Dal Babu, a former senior Muslim officer in the Met police, condemned the appointment. Babu, who described Prevent as a toxic brand in 2015, said: “Shawcross is a man who has demonstrated lack of independence in matters involving the Muslim community and sadly this is a missed opportunity to develop an effective [programme] that safeguards our children.”

Shawcross was picked over Nazir Afzal, the former chief crown prosecutor in the north-west who is from a Muslim background. Afzal claims that he had been turned down because Home Secretary Priti Patel had already made up her mind about appointing Shawcross.

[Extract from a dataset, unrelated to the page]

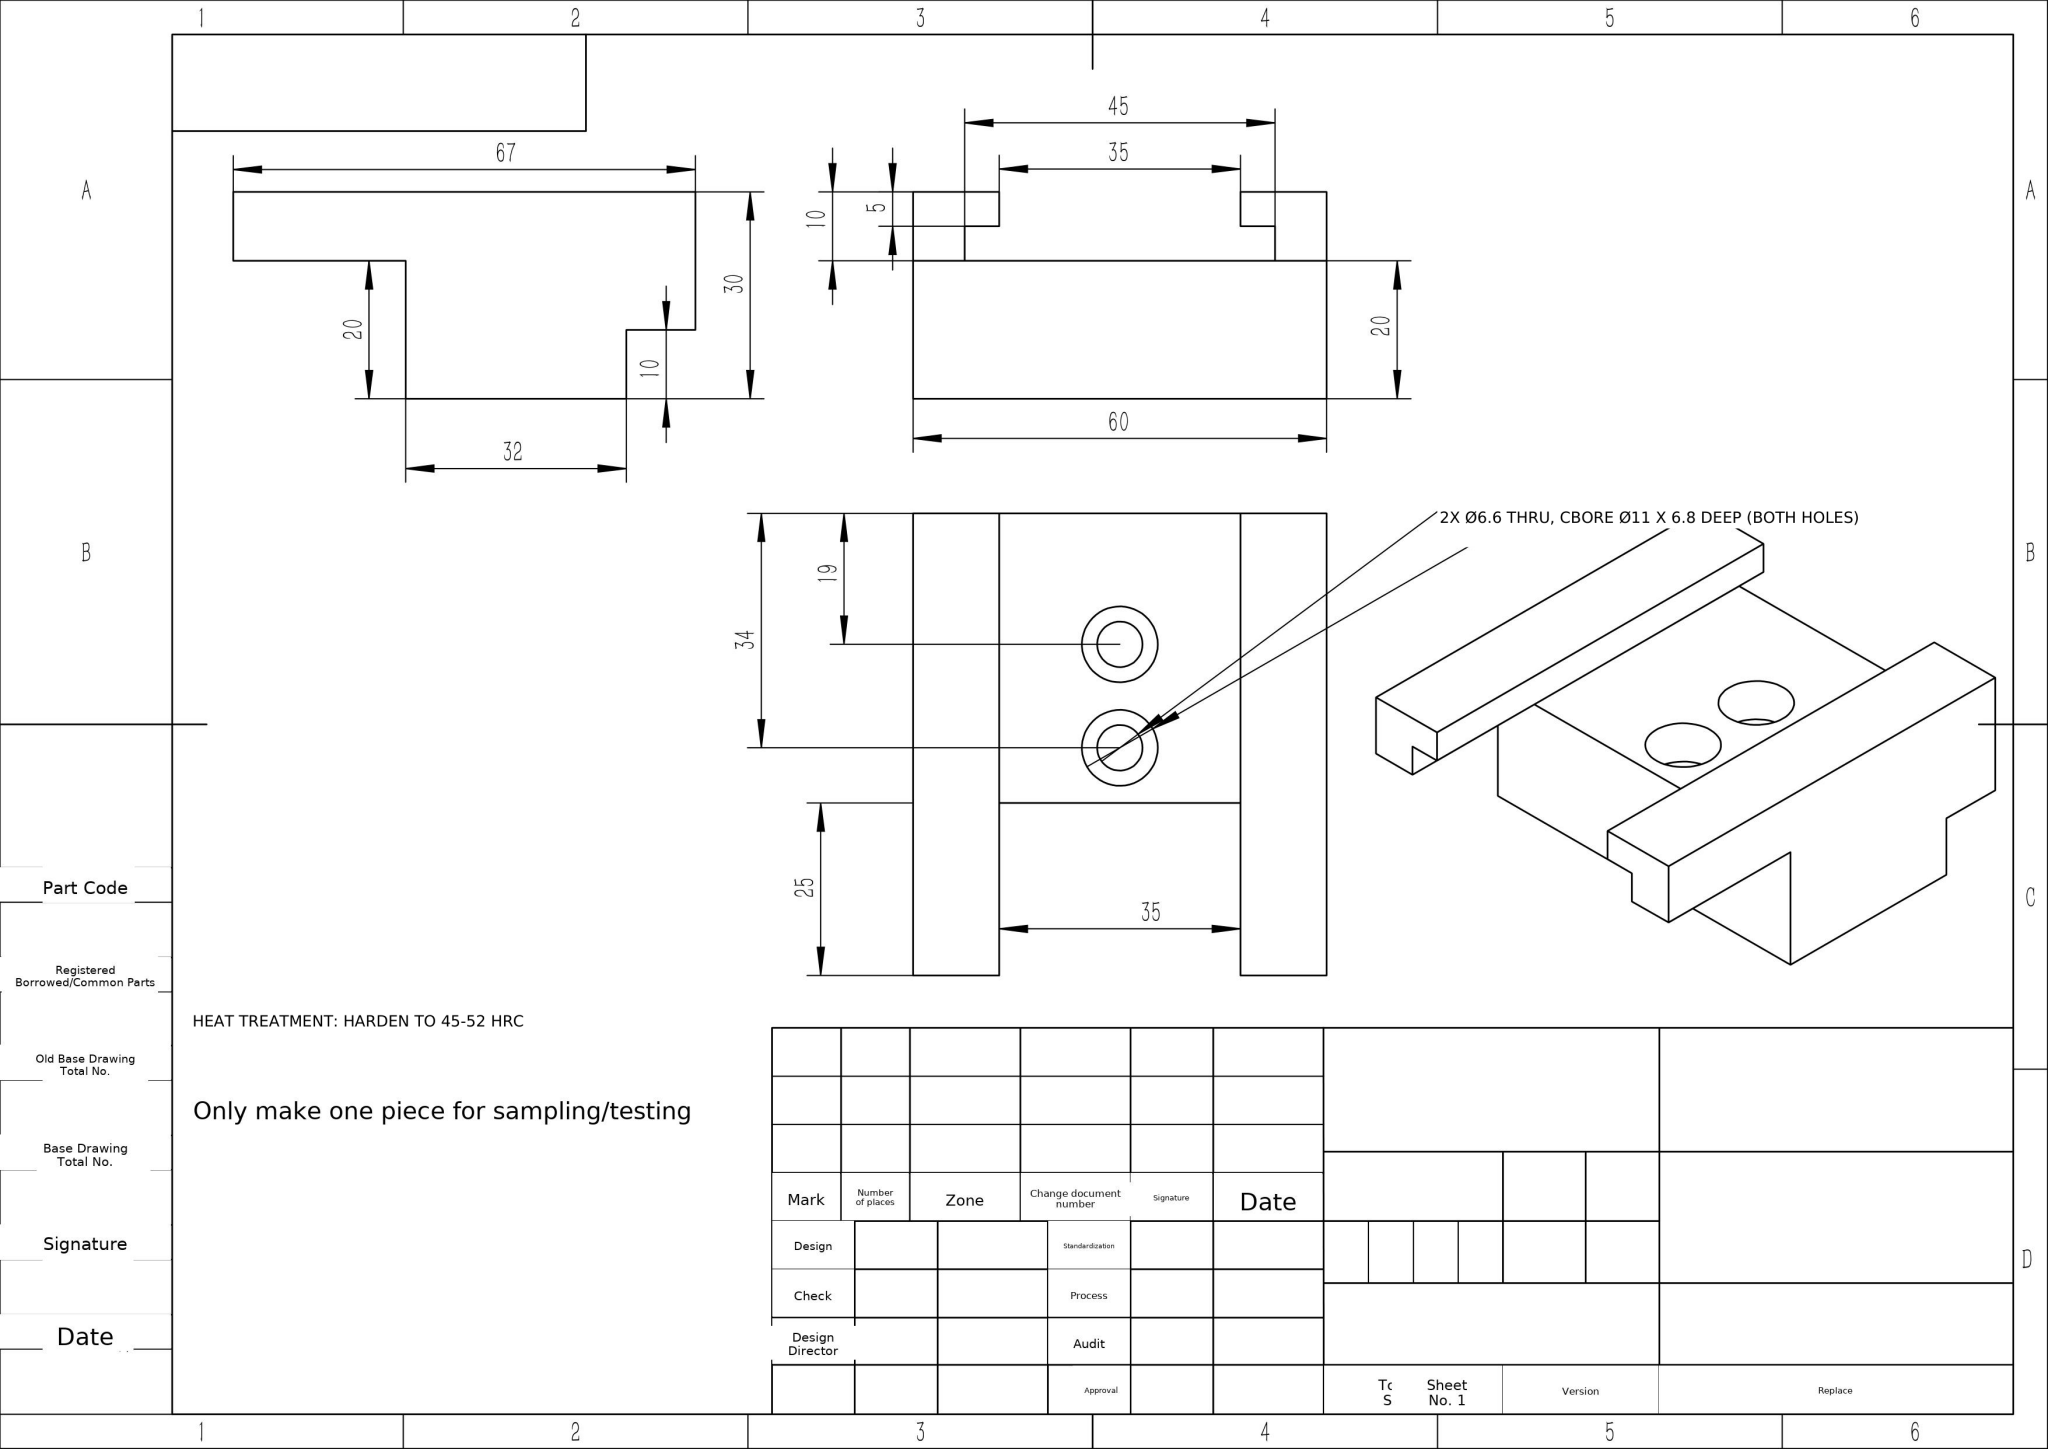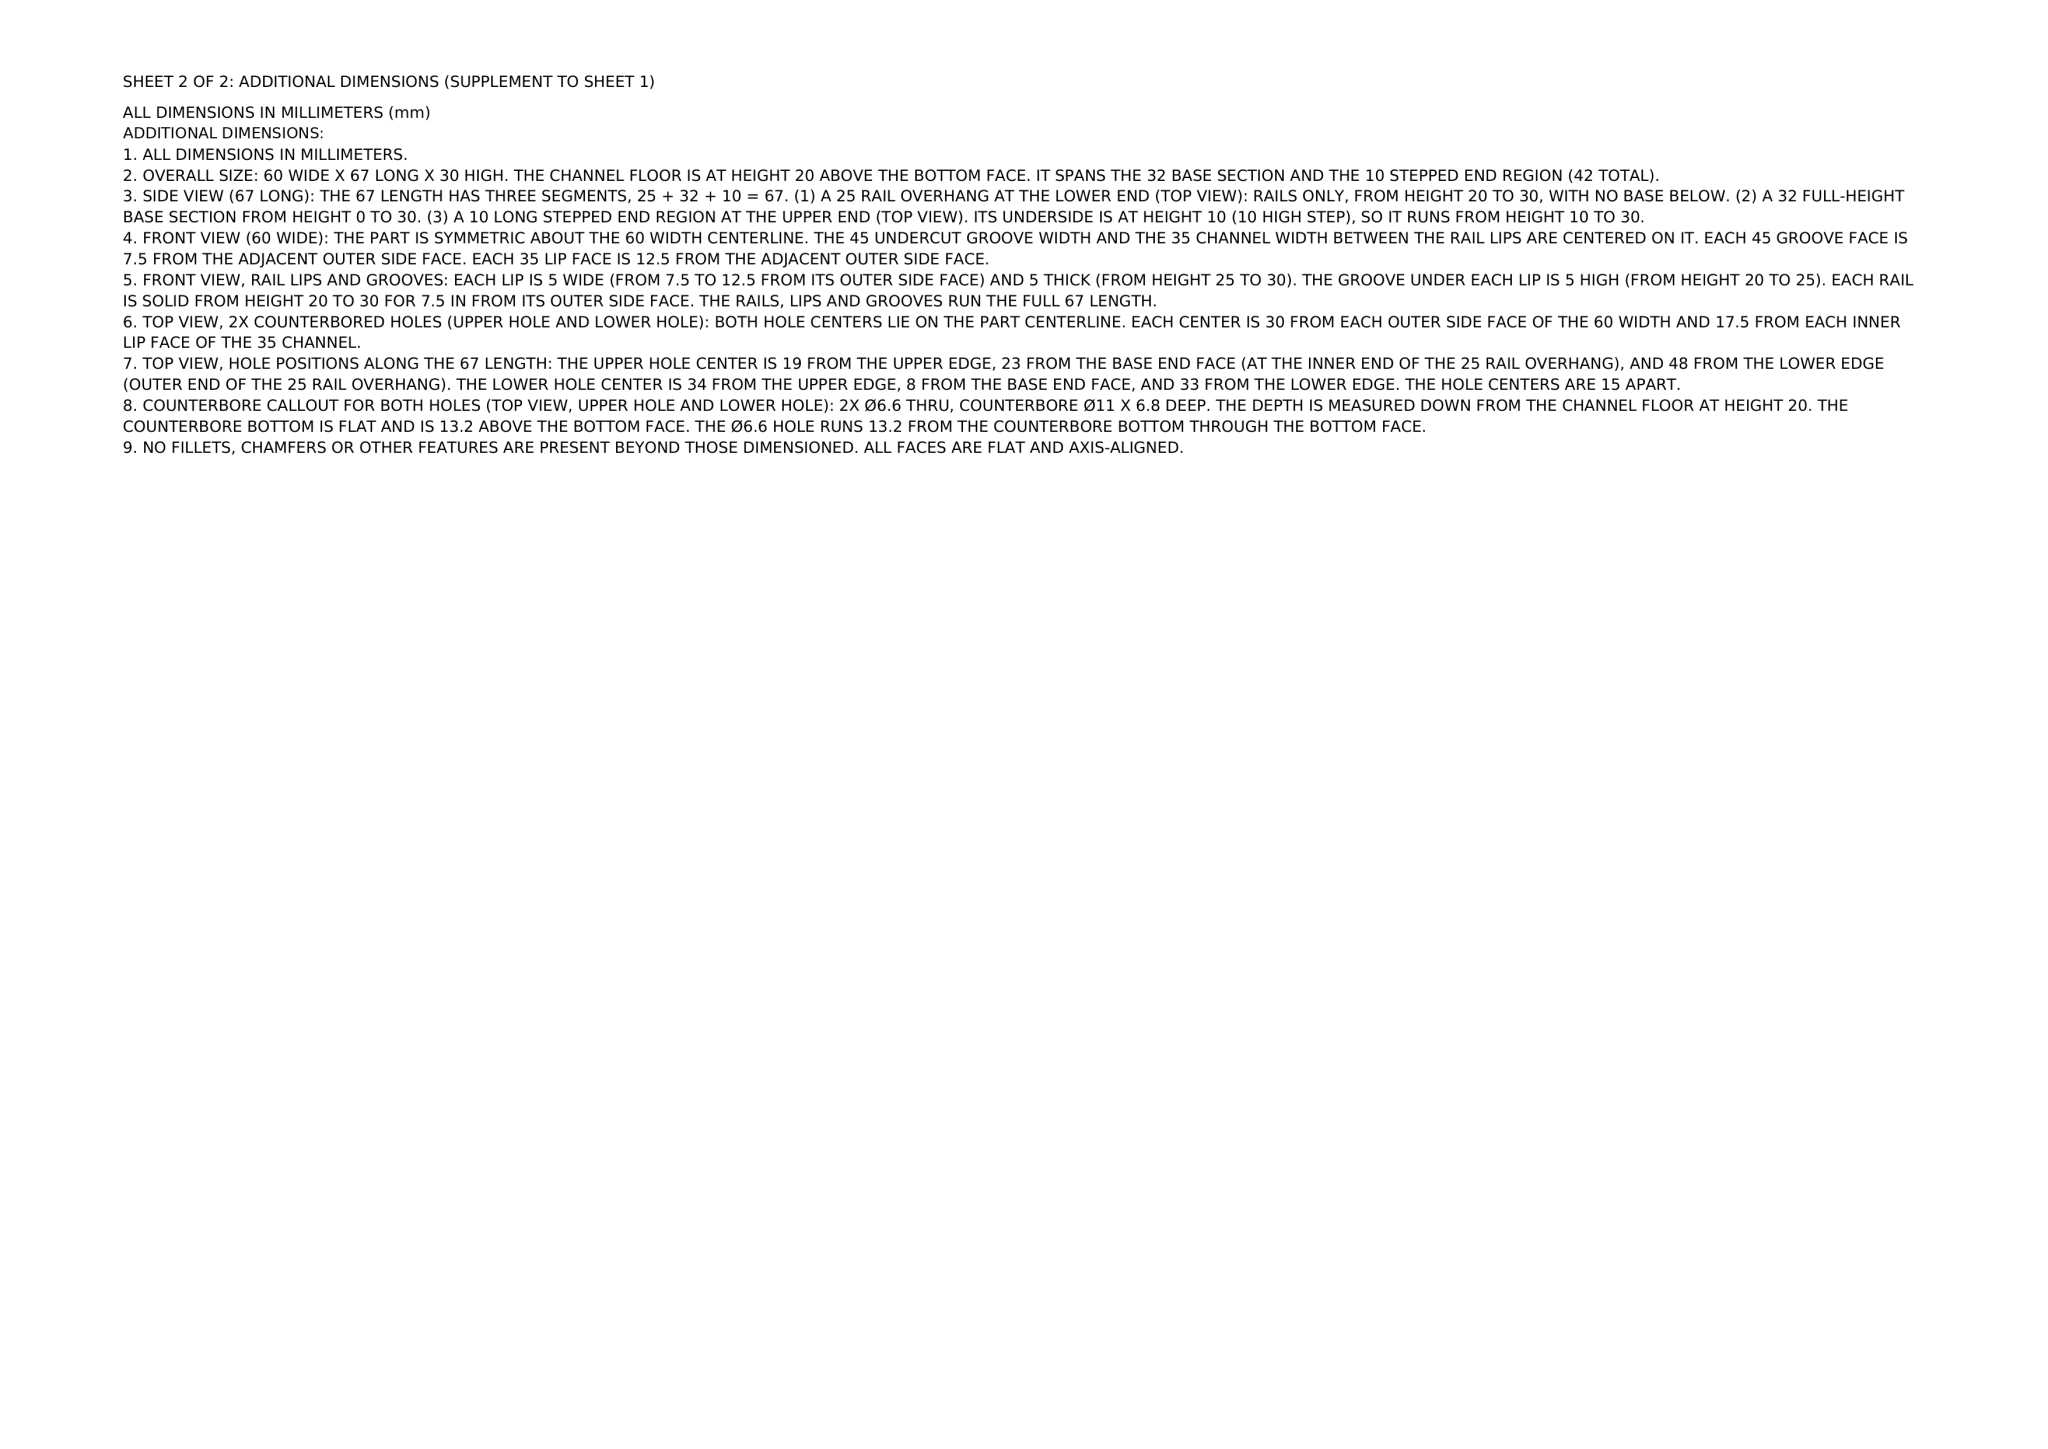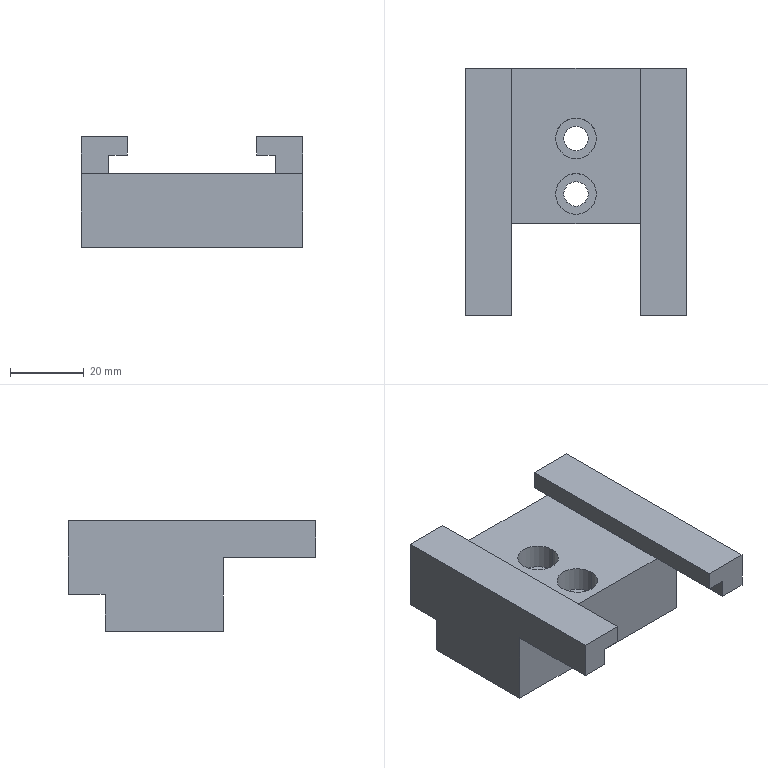Part | NX | mm | 1 solid | 30 faces | box 60 x 67 x 30 mm | volume 55604 mm3 | plane 22 | cylinder 8 | commonest cylinder face diameters 11 x4 6.6 x4

“I was strung along to give an impression of open selection,” said Afzal commenting on the way government officials “literally pleaded” with him to attend a final interview following his decision to withdraw from the process when in November news was leaked that Shawcross was viewed as the “frontrunner” most qualified for the role weeks before the final interview.

“The fact that it was leaked that Shawcross was the Government’s favourite even before I was interviewed by ministers suggests that the Government had already made up its mind about its preferred candidate from the outset, and was simply going through the motions to avoid scrutiny about the appointment,” Afzal told Byline Times.

Last year, Shawcross was named in the Guardian as a member of a consortium headed by Sir Robbie Gibb and include a number of pro-Israel figures within the British media and political establishment that bailed out the right-wing anti-Palestinian newspaper Jewish Chronicle from the brink of bankruptcy.